I was thinking of nostalgia today, though, and Seth’s quote in particular,  because of a great essay I read about Winona Ryder, and this paragraph in particular:

She saw a therapist who diagnosed her with “anticipatory anxiety” —feelings of dread over anticipated events—and, quaintly, “anticipatory nostalgia.” (In the Times, psychologist Dr. Constantine Sedikides recently described this lesser known “condition,” which could be considered our current era’s raison d’être, as the drive to “build nostalgic-to-be memories.”) She was prescribed sleeping pills, to which she got briefly hooked. She then “tried to be an alcoholic for two weeks” but packed it in after falling asleep with a lit cigarette. Then, in April 1993, two years after canonizing their romance in a spread for UK Vogue, Winona Ryder and Johnny Depp broke up.

Read the whole thing. It’s by Soraya Roberts (who has a book coming out soon about My So Called Life) and, yeah, it is simply excellent.

The Winona essay, and that paragraph, took me on a little bit of a rabbit hole about anticipatory nostalgia, and research into nostalgia generally. I’d encountered a bit about nostalgia’s history before, for a story I’m working on about sound and deafness and medicine and the military, but had forgotten that the idea of nostalgia being a good thing is a very, very new. Like, only in the last few decades, new.
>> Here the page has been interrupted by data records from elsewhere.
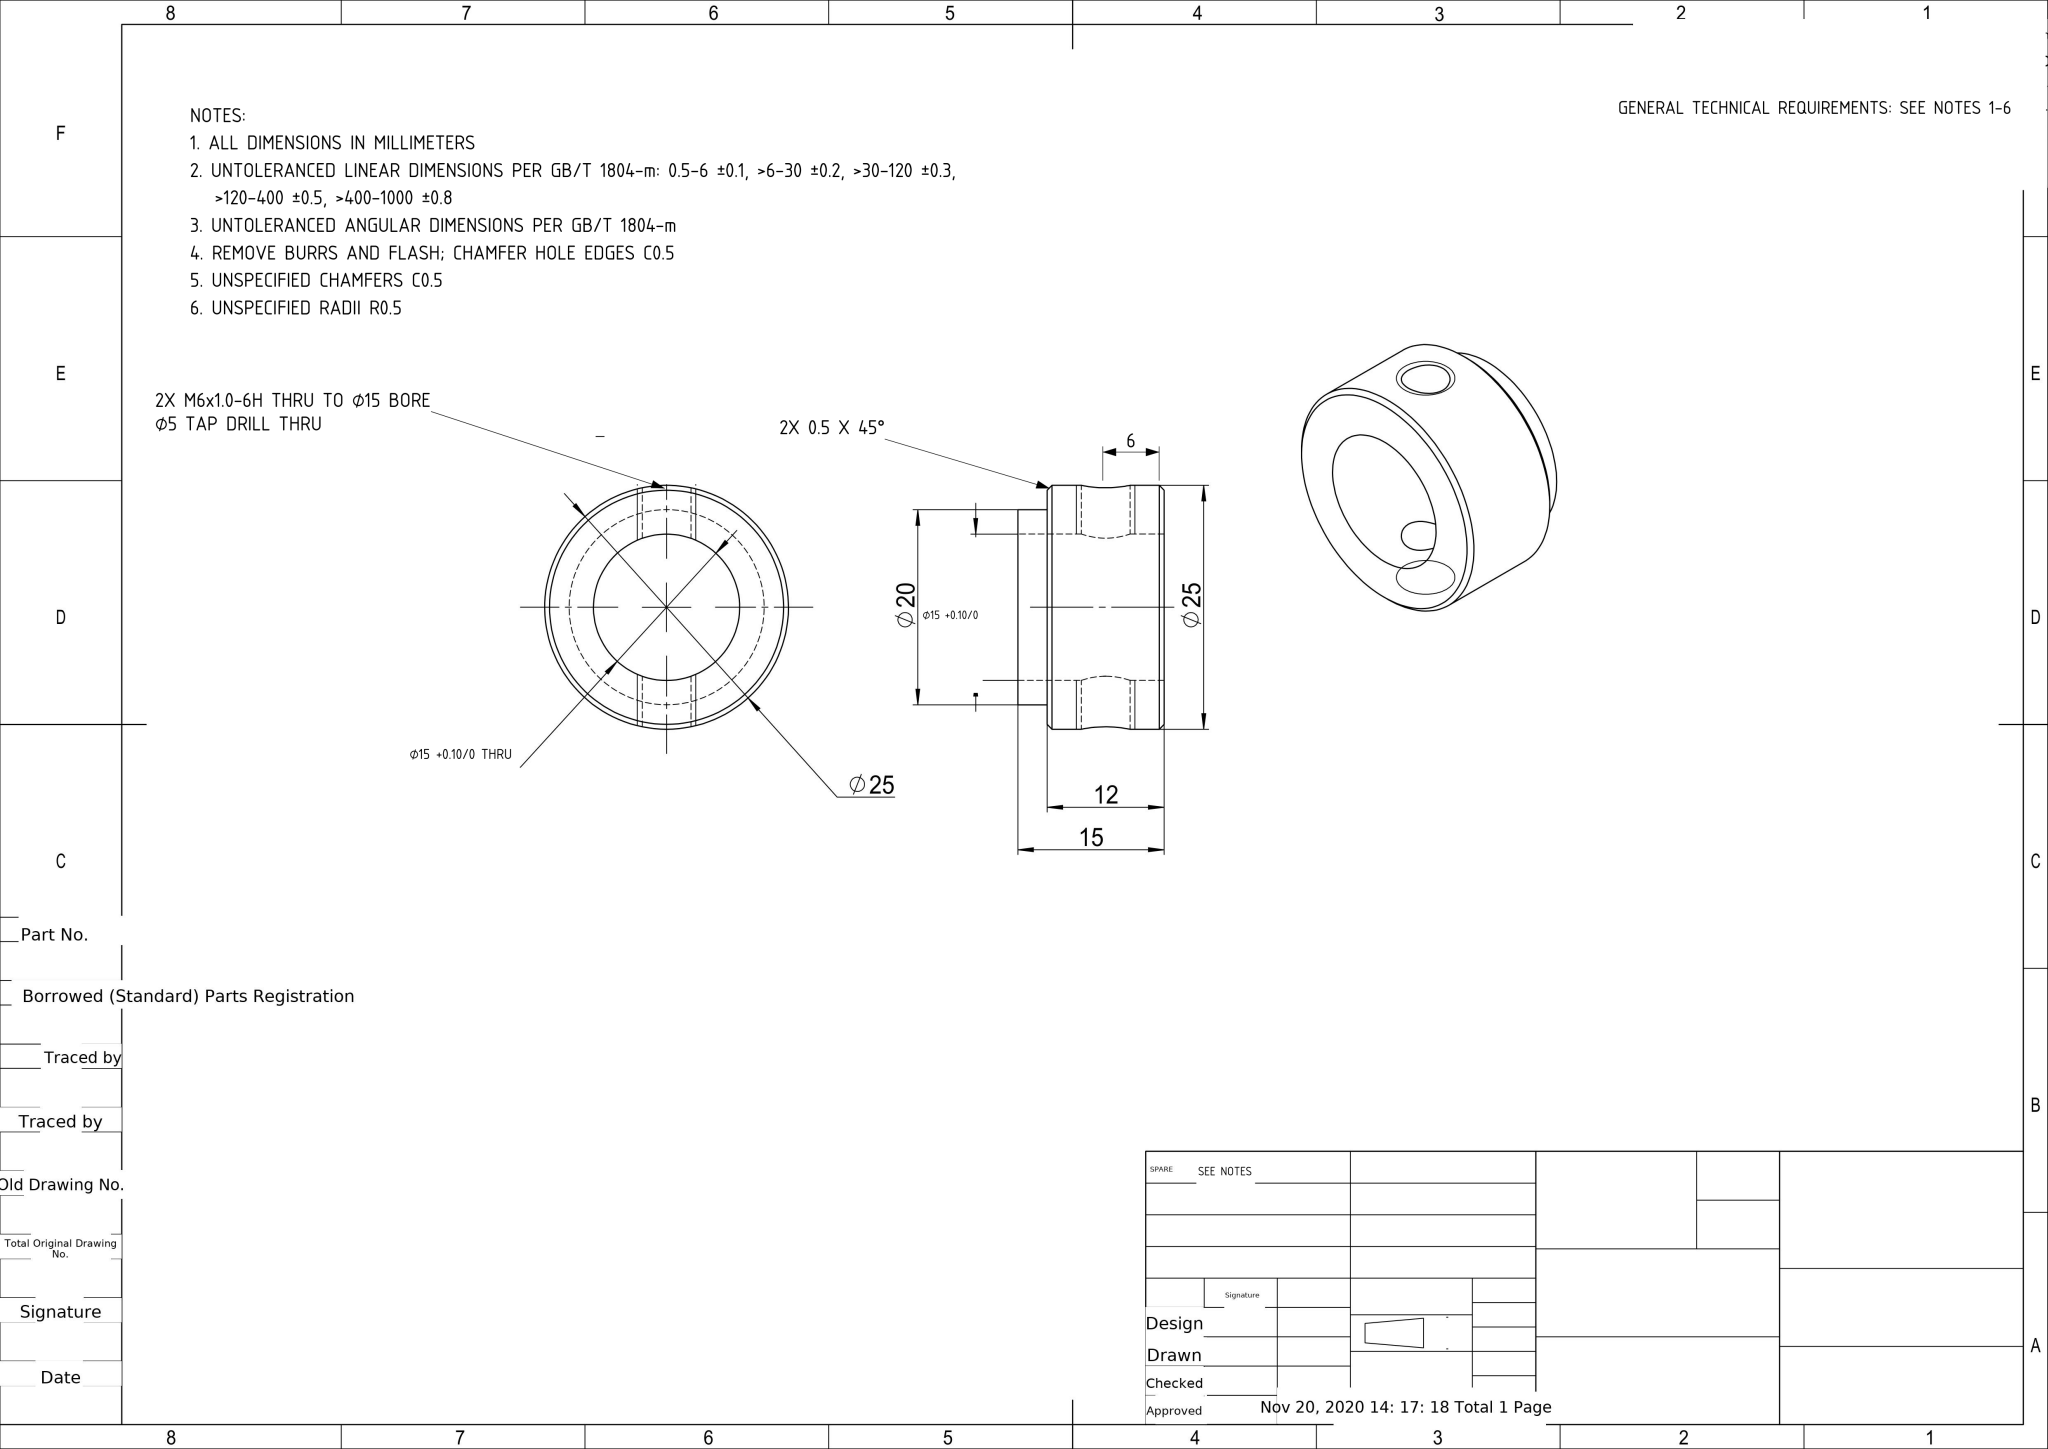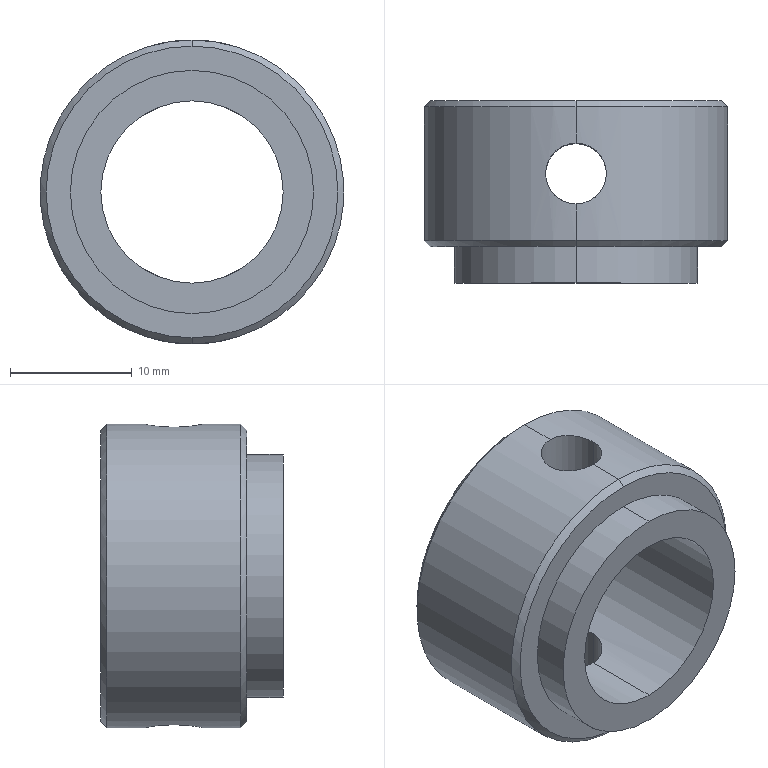Part | NX | mm | 1 solid | 17 faces | box 25 x 15 x 25 mm | volume 3965 mm3 | cylinder 10 | cone 4 | plane 3 | commonest cylinder face diameters 5 x4 20 x2 15 x2 25 x2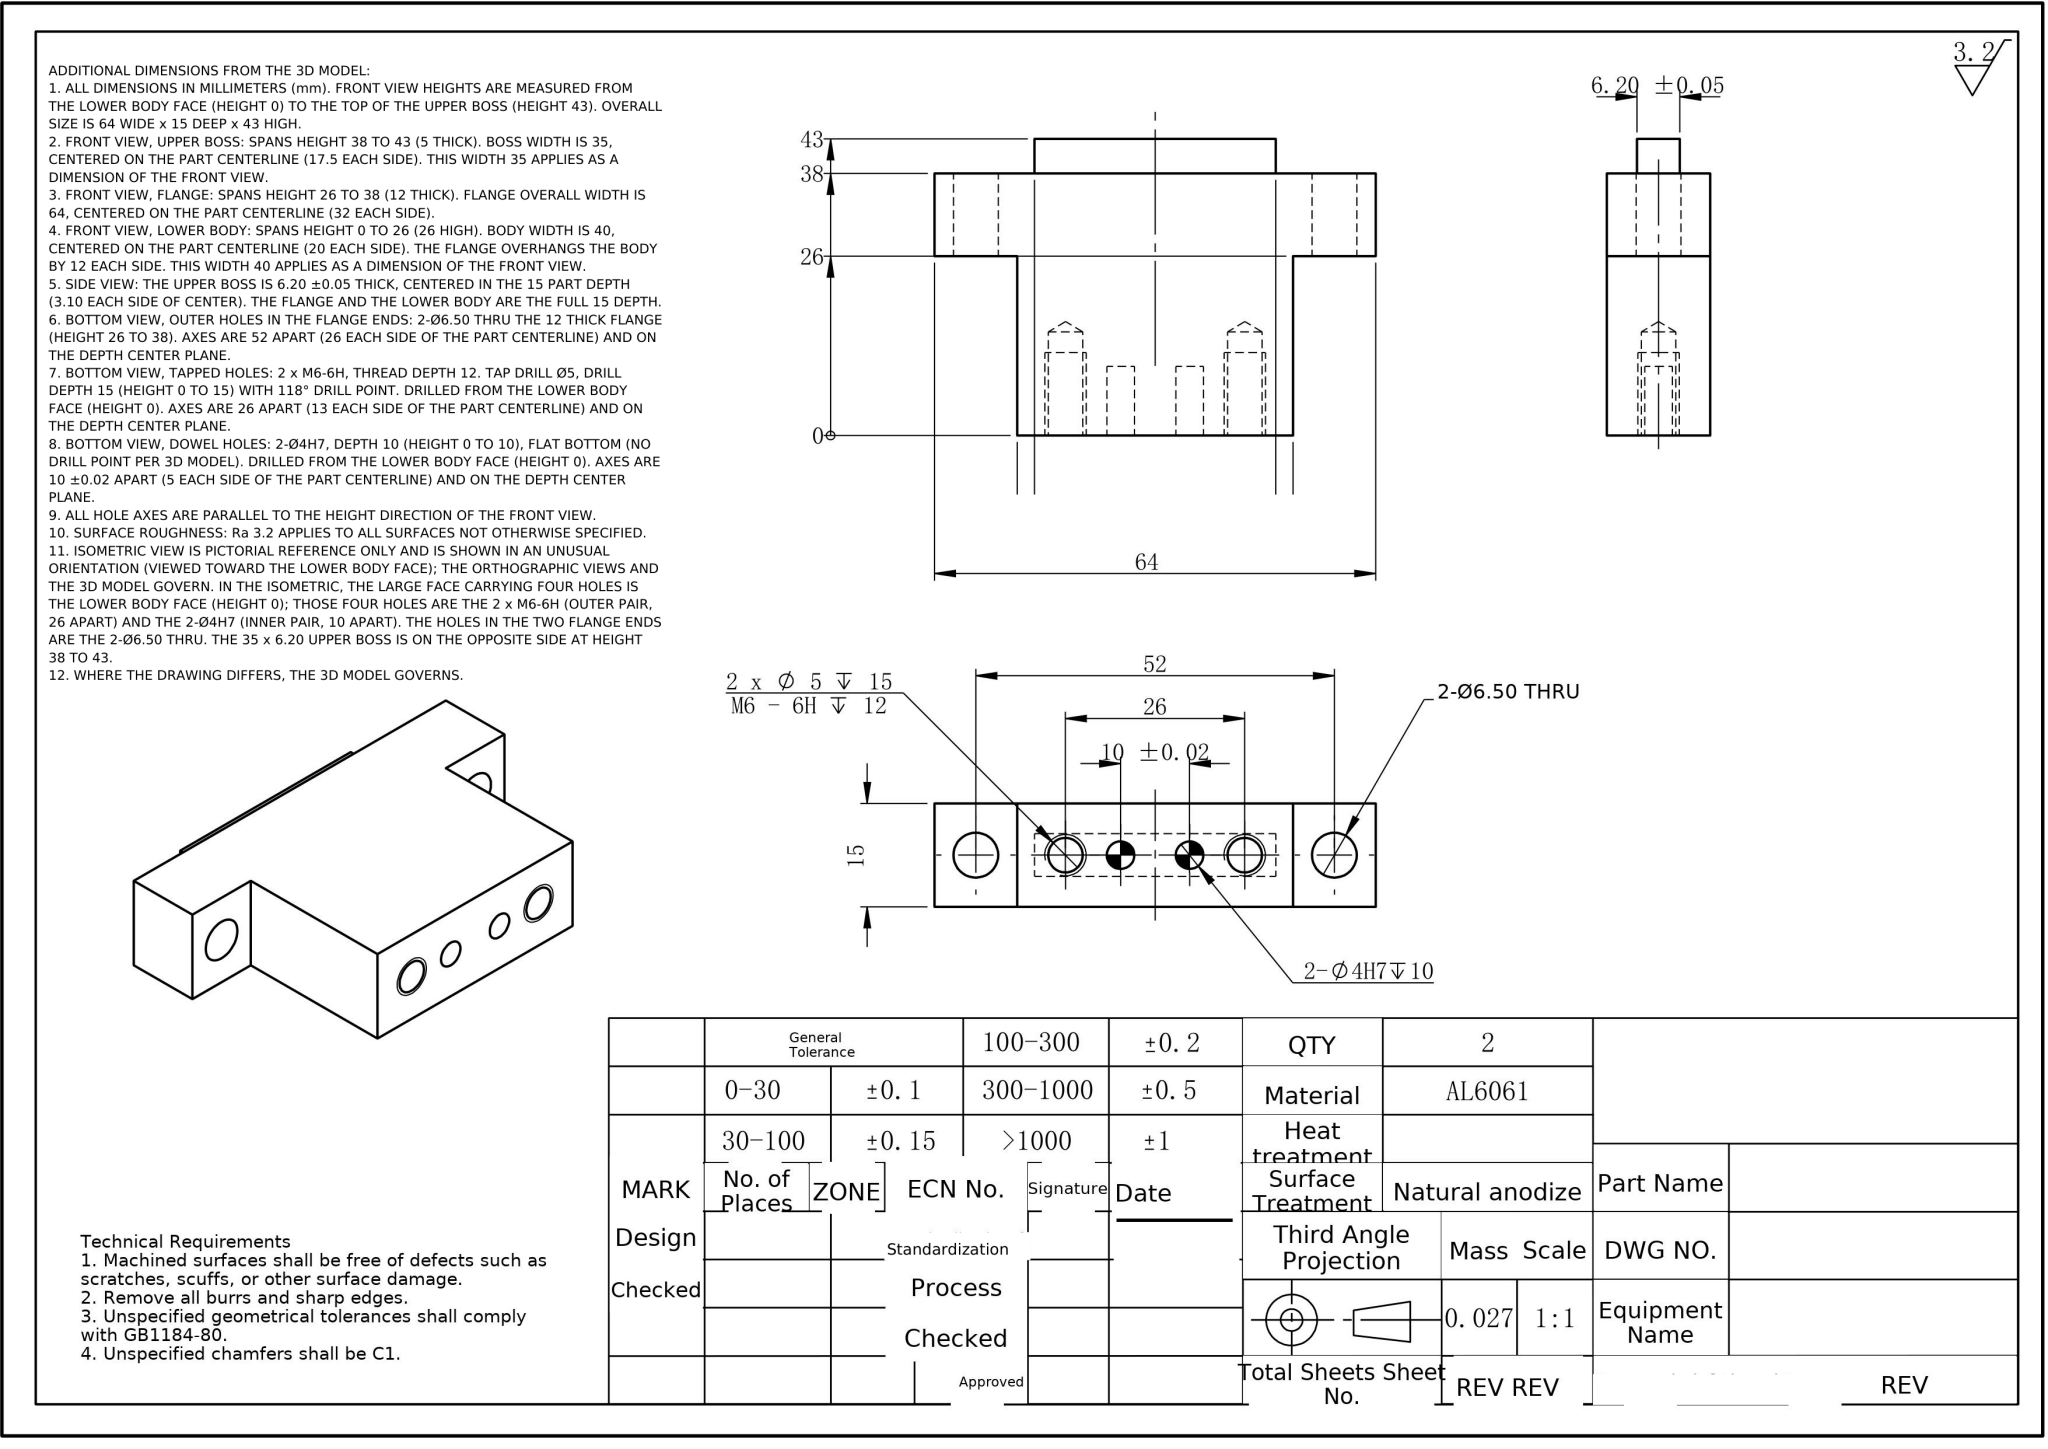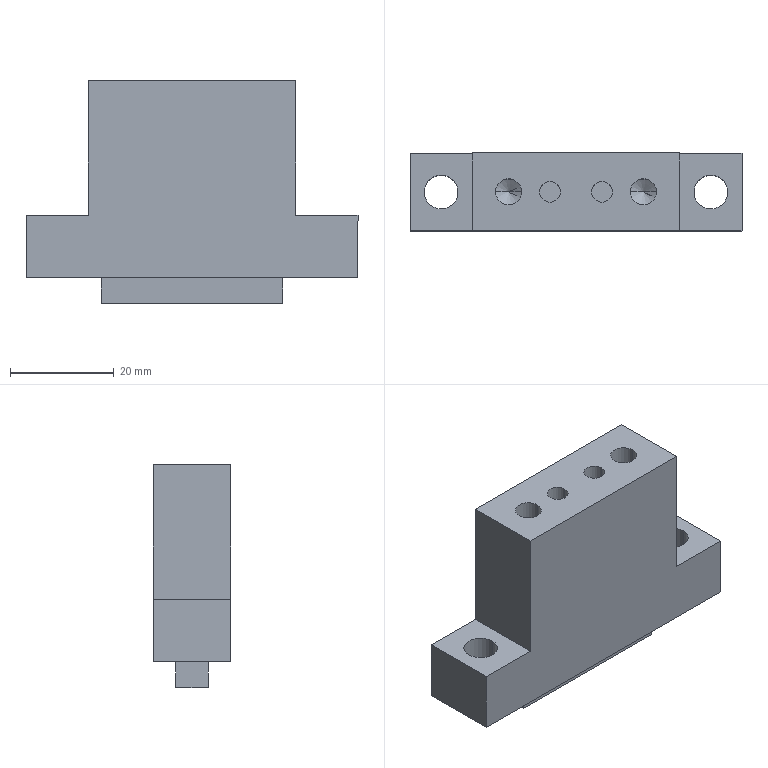Part | NX | mm | 1 solid | 33 faces | box 64 x 15 x 43 mm | volume 26549 mm3 | plane 17 | cylinder 12 | cone 4 | commonest cylinder face diameters 4 x4 5 x4 6.5 x4
STEP:
#1=CARTESIAN_POINT('',(-7.,-0.,-52.75));
#2=VERTEX_POINT('',#1);
#3=CARTESIAN_POINT('',(-3.,-0.,-52.75));
#4=VERTEX_POINT('',#3);
#5=CARTESIAN_POINT('',(-5.,-0.,-52.75));
#6=DIRECTION('',(0.,0.,1.));
#7=DIRECTION('',(-1.,0.,0.));
#8=AXIS2_PLACEMENT_3D('',#5,#6,#7);
#9=CIRCLE('',#8,2.);
#10=EDGE_CURVE('',#2,#4,#9,.T.);
#11=ORIENTED_EDGE('',*,*,#10,.F.);
#12=CARTESIAN_POINT('',(-7.,-0.,-42.75));
#13=VERTEX_POINT('',#12);
#14=CARTESIAN_POINT('',(-7.,-0.,-52.75));
#15=DIRECTION('',(0.,0.,1.));
#16=VECTOR('',#15,1000.);
#17=LINE('',#14,#16);
#18=EDGE_CURVE('',#2,#13,#17,.T.);
#19=ORIENTED_EDGE('',*,*,#18,.T.);
#20=CARTESIAN_POINT('',(-3.,-0.,-42.75));
#21=VERTEX_POINT('',#20);
#22=CARTESIAN_POINT('',(-5.,-0.,-42.75));
#23=DIRECTION('',(0.,0.,1.));
#24=DIRECTION('',(-1.,0.,0.));
#25=AXIS2_PLACEMENT_3D('',#22,#23,#24);
#26=CIRCLE('',#25,2.);
#27=EDGE_CURVE('',#13,#21,#26,.T.);
#28=ORIENTED_EDGE('',*,*,#27,.T.);
#29=CARTESIAN_POINT('',(-3.,-0.,-52.75));
#30=DIRECTION('',(0.,0.,1.));
#31=VECTOR('',#30,1000.);
#32=LINE('',#29,#31);
#33=EDGE_CURVE('',#4,#21,#32,.T.);
#34=ORIENTED_EDGE('',*,*,#33,.F.);
#35=EDGE_LOOP('',(#11,#19,#28,#34));
#36=FACE_OUTER_BOUND('',#35,.T.);
#37=CARTESIAN_POINT('',(-5.,-0.,-52.75));
#38=DIRECTION('',(0.,0.,1.));
#39=DIRECTION('',(1.,0.,0.));
#40=AXIS2_PLACEMENT_3D('',#37,#38,#39);
#41=CYLINDRICAL_SURFACE('',#40,2.);
#42=ADVANCED_FACE('',(#36),#41,.F.);
#43=CARTESIAN_POINT('',(3.,0.,-52.75));
#44=VERTEX_POINT('',#43);
#45=CARTESIAN_POINT('',(7.,0.,-52.75));
#46=VERTEX_POINT('',#45);
#47=CARTESIAN_POINT('',(5.,0.,-52.75));
#48=DIRECTION('',(0.,0.,1.));
#49=DIRECTION('',(1.,0.,0.));
#50=AXIS2_PLACEMENT_3D('',#47,#48,#49);
#51=CIRCLE('',#50,2.);
#52=EDGE_CURVE('',#44,#46,#51,.T.);
#53=ORIENTED_EDGE('',*,*,#52,.F.);
#54=CARTESIAN_POINT('',(3.,0.,-42.75));
#55=VERTEX_POINT('',#54);
#56=CARTESIAN_POINT('',(3.,0.,-52.75));
#57=DIRECTION('',(0.,0.,1.));
#58=VECTOR('',#57,1000.);
#59=LINE('',#56,#58);
#60=EDGE_CURVE('',#44,#55,#59,.T.);
#61=ORIENTED_EDGE('',*,*,#60,.T.);
#62=CARTESIAN_POINT('',(7.,0.,-42.75));
#63=VERTEX_POINT('',#62);
#64=CARTESIAN_POINT('',(5.,0.,-42.75));
#65=DIRECTION('',(0.,0.,1.));
#66=DIRECTION('',(1.,0.,0.));
#67=AXIS2_PLACEMENT_3D('',#64,#65,#66);
#68=CIRCLE('',#67,2.);
#69=EDGE_CURVE('',#55,#63,#68,.T.);
#70=ORIENTED_EDGE('',*,*,#69,.T.);
#71=CARTESIAN_POINT('',(7.,0.,-52.75));
#72=DIRECTION('',(0.,0.,1.));
#73=VECTOR('',#72,1000.);
#74=LINE('',#71,#73);
#75=EDGE_CURVE('',#46,#63,#74,.T.);
#76=ORIENTED_EDGE('',*,*,#75,.F.);
#77=EDGE_LOOP('',(#53,#61,#70,#76));
#78=FACE_OUTER_BOUND('',#77,.T.);
#79=CARTESIAN_POINT('',(5.,0.,-52.75));
#80=DIRECTION('',(0.,0.,1.));
#81=DIRECTION('',(1.,0.,0.));
#82=AXIS2_PLACEMENT_3D('',#79,#80,#81);
#83=CYLINDRICAL_SURFACE('',#82,2.);
#84=ADVANCED_FACE('',(#78),#83,.F.);
#85=CARTESIAN_POINT('',(10.5,0.,-57.75));
#86=VERTEX_POINT('',#85);
#87=CARTESIAN_POINT('',(15.5,0.,-57.75));
#88=VERTEX_POINT('',#87);
#89=CARTESIAN_POINT('',(13.,0.,-57.75));
#90=DIRECTION('',(0.,0.,1.));
#91=DIRECTION('',(1.,0.,0.));
#92=AXIS2_PLACEMENT_3D('',#89,#90,#91);
#93=CIRCLE('',#92,2.5);
#94=EDGE_CURVE('',#86,#88,#93,.T.);
#95=ORIENTED_EDGE('',*,*,#94,.F.);
#96=CARTESIAN_POINT('',(10.5,0.,-42.75));
#97=VERTEX_POINT('',#96);
#98=CARTESIAN_POINT('',(10.5,0.,-42.75));
#99=DIRECTION('',(0.,0.,1.));
#100=VECTOR('',#99,1000.);
#101=LINE('',#98,#100);
#102=EDGE_CURVE('',#86,#97,#101,.T.);
#103=ORIENTED_EDGE('',*,*,#102,.T.);
#104=CARTESIAN_POINT('',(15.5,0.,-42.75));
#105=VERTEX_POINT('',#104);
#106=CARTESIAN_POINT('',(13.,0.,-42.75));
#107=DIRECTION('',(0.,0.,1.));
#108=DIRECTION('',(1.,0.,0.));
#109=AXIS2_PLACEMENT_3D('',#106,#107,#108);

When nostalgia was first named in the seventeenth century, a Swiss physician named it, combining nostos—home, in Greek—and pain—algos. It was a disorder, suffered by military men who’d spent too much time abroad. Physicians speculated that nostalgia’s root cause might lie in ear drums, where the ring-bong-clang of the bells on alpine milk cows had burrowed, causing a deep longing among mountain men for the sounds of home.

My sense is the pendulum on nostalgia has swung too far into the positive. That it’s more likely somewhere in the middle—a nice sad thing. It’s very hard not to feel weird pangs when social media reminds us of what we were doing on this day way back when with a photo we never thought we’d revisit. What I’m saying, mostly, I guess, is that Winona was right all along: we should be anxious, at least a little bit, about the things coming up we’re going to be reminded of later on, and happy when some things, like that Livejournal, are lost completely.